Midget prices have been steadily weakening and last year Hampsons sold a timewarp 1980 in Sandglow with a warranted 4000 miles for £10,125 – although it took two sales to find a bidder – while Mathewsons sold a lovely 1980 in red, also fully restored and beautifull­y detailed for £6600.

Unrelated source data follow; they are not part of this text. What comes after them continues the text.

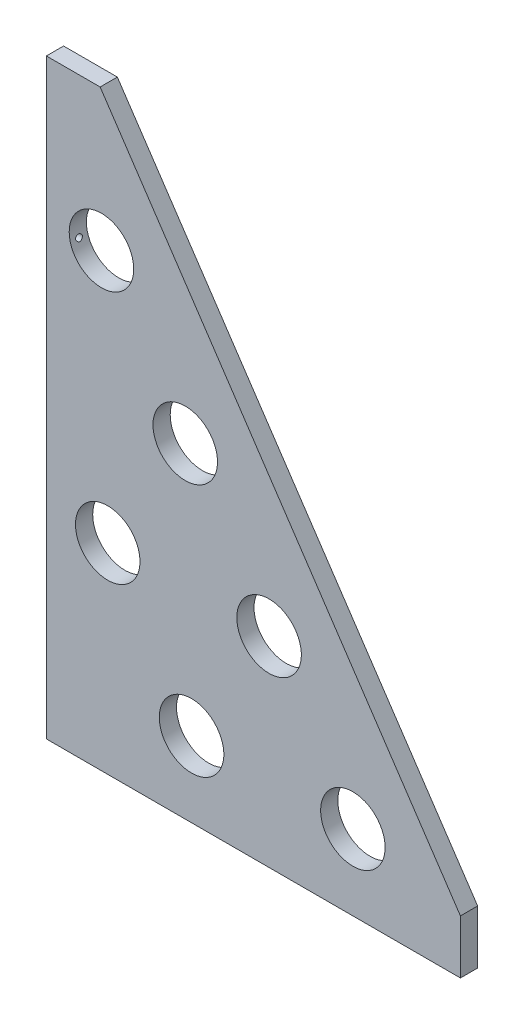
from build123d import *

# Parameters (mm, degrees)
EXTRUDE_1_DEPTH        = 8
PATTERN_LINEAR_1_COUNT = 10
PATTERN_LINEAR_1_PITCH = 55
PATTERN_LINEAR_2_COUNT = 8
PATTERN_LINEAR_2_PITCH = 50
SKETCH_6_R             = 30
CUT_EXTRUDE_1_DEPTH    = 672.551189411


with BuildPart() as part:
    # 草图1 → 凸台-拉伸1 (new, symmetric)
    with BuildSketch(Plane.XY):
        Polygon((0, 0), (385, 0), (385, 50), (50, 550), (0, 550), align=None)
    extrude(amount=EXTRUDE_1_DEPTH, both=True)

    # 草图3 → M8 螺纹孔1 (revolve, cut)
    with BuildSketch(Plane.ZX.offset(520)):
        Polygon((0, 0), (0, 24.292926105), (3.4, 22.25), (3.4, 0), align=None)
    hole_wizard_m8_1 = revolve(axis=Axis((-6.35, 520, 0), (1, 0, 0)), mode=Mode.SUBTRACT)

    # 阵列(线性)1: M8 螺纹孔1 ×10
    with Locations(*[(0, -i * PATTERN_LINEAR_1_PITCH, 0) for i in range(1, PATTERN_LINEAR_1_COUNT)]):
        add(hole_wizard_m8_1, mode=Mode.SUBTRACT)

    # 草图5 → M8 螺纹孔2 (revolve, cut)
    with BuildSketch(Plane(origin=(20, 0, 0), x_dir=(0, 0, -1), z_dir=(1, 0, 0))):
        Polygon((0, 0), (0, 24.292926105), (3.4, 22.25), (3.4, 0), align=None)
    hole_wizard_m8_2 = revolve(axis=Axis((20, -6.35, 0), (0, 1, 0)), mode=Mode.SUBTRACT)

    # 阵列(线性)2: M8 螺纹孔2 ×8
    with Locations(*[(i * PATTERN_LINEAR_2_PITCH, 0, 0) for i in range(1, PATTERN_LINEAR_2_COUNT)]):
        add(hole_wizard_m8_2, mode=Mode.SUBTRACT)

    # 草图6 → 切除-拉伸1 (cut, through all)
    with BuildSketch(Plane(origin=(0, 0, -8), x_dir=(-1, 0, 0), z_dir=(0, 0, -1))):
        with Locations((-285, 70)):
            Circle(SKETCH_6_R)
        with Locations((-129.147552133, 302.615593832)):
            Circle(SKETCH_6_R)
        with Locations((-207.073776066, 186.307796916)):
            Circle(SKETCH_6_R)
        with Locations((-135, 70)):
            Circle(SKETCH_6_R)
        with Locations((-51.221328199, 418.923390748)):
            Circle(SKETCH_6_R)
        with Locations((-57.073776066, 186.307796916)):
            Circle(SKETCH_6_R)
    extrude(amount=-CUT_EXTRUDE_1_DEPTH, mode=Mode.SUBTRACT)


solid = part.part
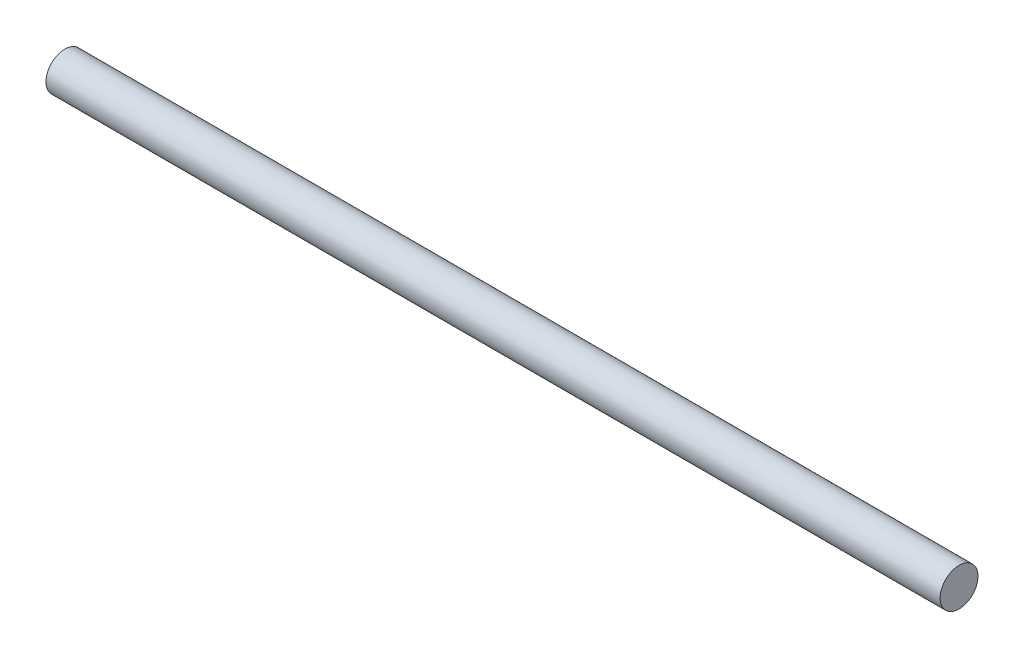
from build123d import *

# Parameters (mm, degrees)
SKETCH_1_R      = 2.5
EXTRUDE_1_DEPTH = 118


with BuildPart() as part:
    # 草图1 → 凸台-拉伸1 (new body)
    with BuildSketch(Plane(origin=(0, 0, 0), x_dir=(0, 0, -1), z_dir=(1, 0, 0))):
        Circle(SKETCH_1_R)
    extrude(amount=EXTRUDE_1_DEPTH)


solid = part.part
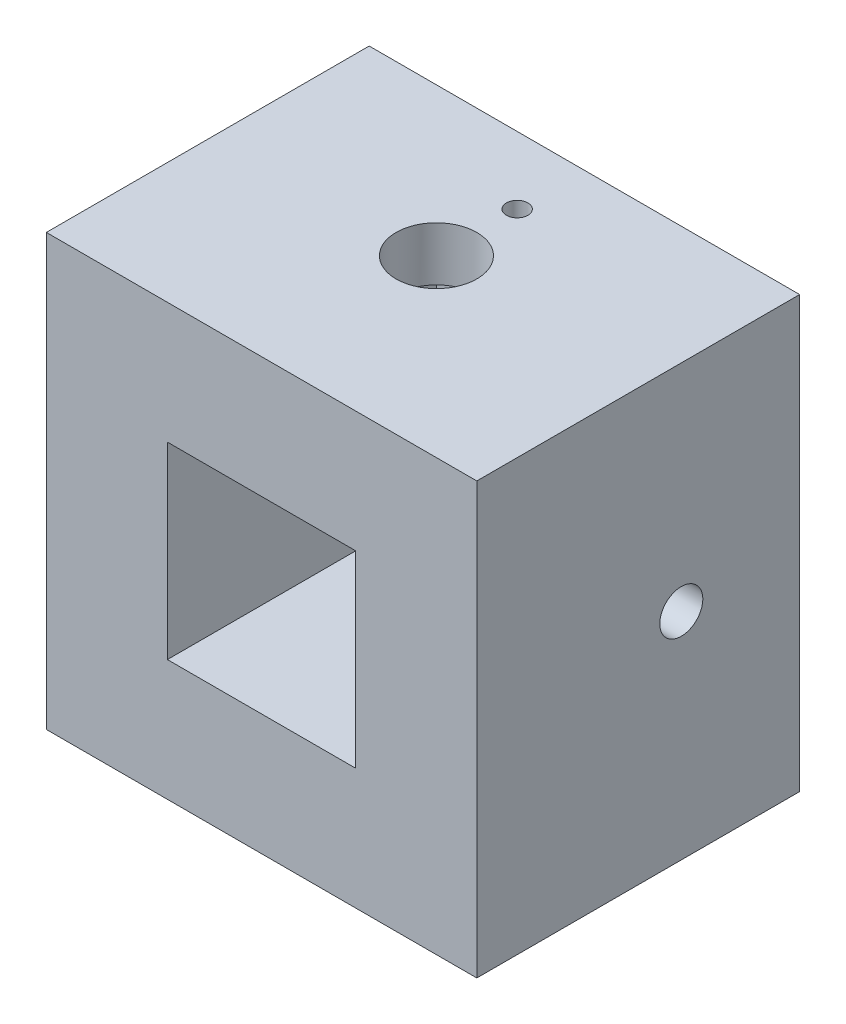
from build123d import *

# Parameters (mm, degrees)
BOSS_EXTRUDE1_START     = 10
SKETCH1_W               = 80
SKETCH1_H               = 80
BOSS_EXTRUDE1_DEPTH     = 50
SKETCH2_W               = 35
SKETCH2_H               = 35
CUT_EXTRUDE1_DEPTH      = 45
SKETCH3_W               = 55
SKETCH3_H               = 55
CUT_EXTRUDE2_DEPTH      = 5
SKETCH4_W               = 15
SKETCH4_H               = 15
CUT_EXTRUDE3_DEPTH      = 156
BOSS_EXTRUDE2_DEPTH     = 10
BOSS_EXTRUDE3_START     = -10
BOSS_EXTRUDE3_DEPTH     = 10
SKETCH9_R               = 4
CUT_EXTRUDE6_DEPTH      = 99
SKETCH13_W              = 35
SKETCH13_H              = 35
CUT_EXTRUDE7_DEPTH      = 200
CUT_EXTRUDE8_DEPTH      = 160.525859973
CUT_EXTRUDE8_DEPTH_BACK = 43
SKETCH14_R              = 2
SKETCH15_W              = 80
SKETCH15_H              = 80
SKETCH15_W_2            = 55
SKETCH15_H_2            = 55
BOSS_EXTRUDE4_DEPTH     = 10


with BuildPart() as part:
    # Sketch1 → Boss-Extrude1 (new body)
    with BuildSketch(Plane.XY.offset(BOSS_EXTRUDE1_START)):
        with Locations((-91.5, -21.5)):
            Rectangle(SKETCH1_W, SKETCH1_H)
    extrude(amount=BOSS_EXTRUDE1_DEPTH)

    # Sketch2 → Cut-Extrude1 (cut)
    with BuildSketch(Plane(origin=(0, 0, 10), x_dir=(-1, 0, 0), z_dir=(0, 0, -1))):
        with Locations((91.5, -21.5)):
            Rectangle(SKETCH2_W, SKETCH2_H)
    extrude(amount=-CUT_EXTRUDE1_DEPTH, mode=Mode.SUBTRACT)

    # Sketch3 → Cut-Extrude2 (cut)
    with BuildSketch(Plane(origin=(0, 0, 10), x_dir=(-1, 0, 0), z_dir=(0, 0, -1))):
        with Locations((91.5, -21.5)):
            Rectangle(SKETCH3_W, SKETCH3_H)
    extrude(amount=-CUT_EXTRUDE2_DEPTH, mode=Mode.SUBTRACT)

    # Sketch4 → Cut-Extrude3 (cut)
    with BuildSketch(Plane(origin=(0, -61.5, 0), x_dir=(-1, 0, 0), z_dir=(0, -1, 0))):
        with Locations((91.5, -27.5)):
            Rectangle(SKETCH4_W, SKETCH4_H)
    extrude(amount=-CUT_EXTRUDE3_DEPTH, mode=Mode.SUBTRACT)

    # Sketch5 → Boss-Extrude2 (add)
    with BuildSketch(Plane.XZ.offset(61.5)):
        with BuildLine():
            Line((-99, 27.5), (-99, 20))
            Line((-99, 20), (-91.499999963, 20))
            ThreePointArc((-91.499999963, 20), (-96.803300846, 22.196699128), (-99, 27.5))
        make_face()
        with BuildLine():
            ThreePointArc((-84, 27.5), (-86.196699128, 22.196699154), (-91.499999963, 20))
            Line((-91.499999963, 20), (-84, 20))
            Line((-84, 20), (-84, 27.5))
        make_face()
        with BuildLine():
            ThreePointArc((-91.5, 35), (-86.196699141, 32.803300859), (-84, 27.5))
            Line((-84, 27.5), (-84, 35))
            Line((-84, 35), (-91.5, 35))
        make_face()
        with BuildLine():
            Line((-99, 35), (-99, 27.5))
            ThreePointArc((-99, 27.5), (-96.803300859, 32.803300859), (-91.5, 35))
            Line((-91.5, 35), (-99, 35))
        make_face()
    extrude(amount=-BOSS_EXTRUDE2_DEPTH)

    # Sketch6 → Boss-Extrude3 (add)
    with BuildSketch(Plane(origin=(0, 18.5, 0), x_dir=(1, 0, 0), z_dir=(0, 1, 0)).offset(BOSS_EXTRUDE3_START)):
        with BuildLine():
            Line((-84, -27.5), (-84, -20))
            Line((-84, -20), (-91.5, -20))
            ThreePointArc((-91.5, -20), (-86.196699141, -22.196699141), (-84, -27.5))
        make_face()
        with BuildLine():
            ThreePointArc((-99, -27.5), (-96.803300859, -22.196699141), (-91.5, -20))
            Line((-91.5, -20), (-99, -20))
            Line((-99, -20), (-99, -27.5))
        make_face()
        with BuildLine():
            ThreePointArc((-91.5, -35), (-96.803300859, -32.803300859), (-99, -27.5))
            Line((-99, -27.5), (-99, -35))
            Line((-99, -35), (-91.5, -35))
        make_face()
        with BuildLine():
            Line((-84, -35), (-84, -27.5))
            ThreePointArc((-84, -27.5), (-86.196699141, -32.803300859), (-91.5, -35))
            Line((-91.5, -35), (-84, -35))
        make_face()
    extrude(amount=BOSS_EXTRUDE3_DEPTH)

    # Sketch9 → Cut-Extrude6 (cut)
    with BuildSketch(Plane.ZY.offset(131.5)):
        with Locations((22, -21.5)):
            Circle(SKETCH9_R)
    extrude(amount=-CUT_EXTRUDE6_DEPTH, mode=Mode.SUBTRACT)

    # Sketch13 → Cut-Extrude7 (cut)
    with BuildSketch(Plane(origin=(0, 0, 55), x_dir=(-1, 0, 0), z_dir=(0, 0, -1))):
        with Locations((91.5, -21.5)):
            Rectangle(SKETCH13_W, SKETCH13_H)
    extrude(amount=-CUT_EXTRUDE7_DEPTH, mode=Mode.SUBTRACT)

    # Sketch14 → Cut-Extrude8 (cut, two sides: drawn at the far end of the back side and taken through both)
    with BuildSketch(Plane(origin=(0, -49, 0), x_dir=(1, 0, 0), z_dir=(0, 1, 0)).offset(-CUT_EXTRUDE8_DEPTH_BACK)):
        with Locations(Location((-91.5, -12.5, 0), (0, 0, 270))):
            Circle(SKETCH14_R)
    extrude(amount=CUT_EXTRUDE8_DEPTH + CUT_EXTRUDE8_DEPTH_BACK, mode=Mode.SUBTRACT)

    # Sketch15 → Boss-Extrude4 (add)
    with BuildSketch(Plane(origin=(0, 0, 10), x_dir=(-1, 0, 0), z_dir=(0, 0, -1))):
        with Locations((91.5, -21.5)):
            Rectangle(SKETCH15_W, SKETCH15_H)
        with Locations((91.5, -21.5)):
            Rectangle(SKETCH15_W_2, SKETCH15_H_2, mode=Mode.SUBTRACT)
    extrude(amount=BOSS_EXTRUDE4_DEPTH)


solid = part.part

There’s also a lot of slick modern competitio­n in the small sports car sector with Z3s, SLKS, S2000s, MR2S, MX5S and MGFS all easily buyable for less than five grand, which makes the cart-sprung Midget seem a bit of a relic. Even the earlier, more desirable chrome-bumper/square rear-arch cars have weakened. In June last year, Anglia sold a nice Tartan Red ’69, an older restoratio­n with 45,000 miles for £4320, while in May Brightwell­s offered a fully restored ’67 MKIII, also in red and looking very nice indeed with wire wheels and a guide of between £4750 to £5750. But it only drew a provisiona­l bid of £3250 from the trade and went home unsold. Midgets may be uncomplica­ted, easy to own and cheap to run, but I think their once-evergreen appeal may be fading for generation­al reasons. A Z3, SLK, MR2 or an MG Midget? For most young, aspiring classic car owners, that’s not a difficult question.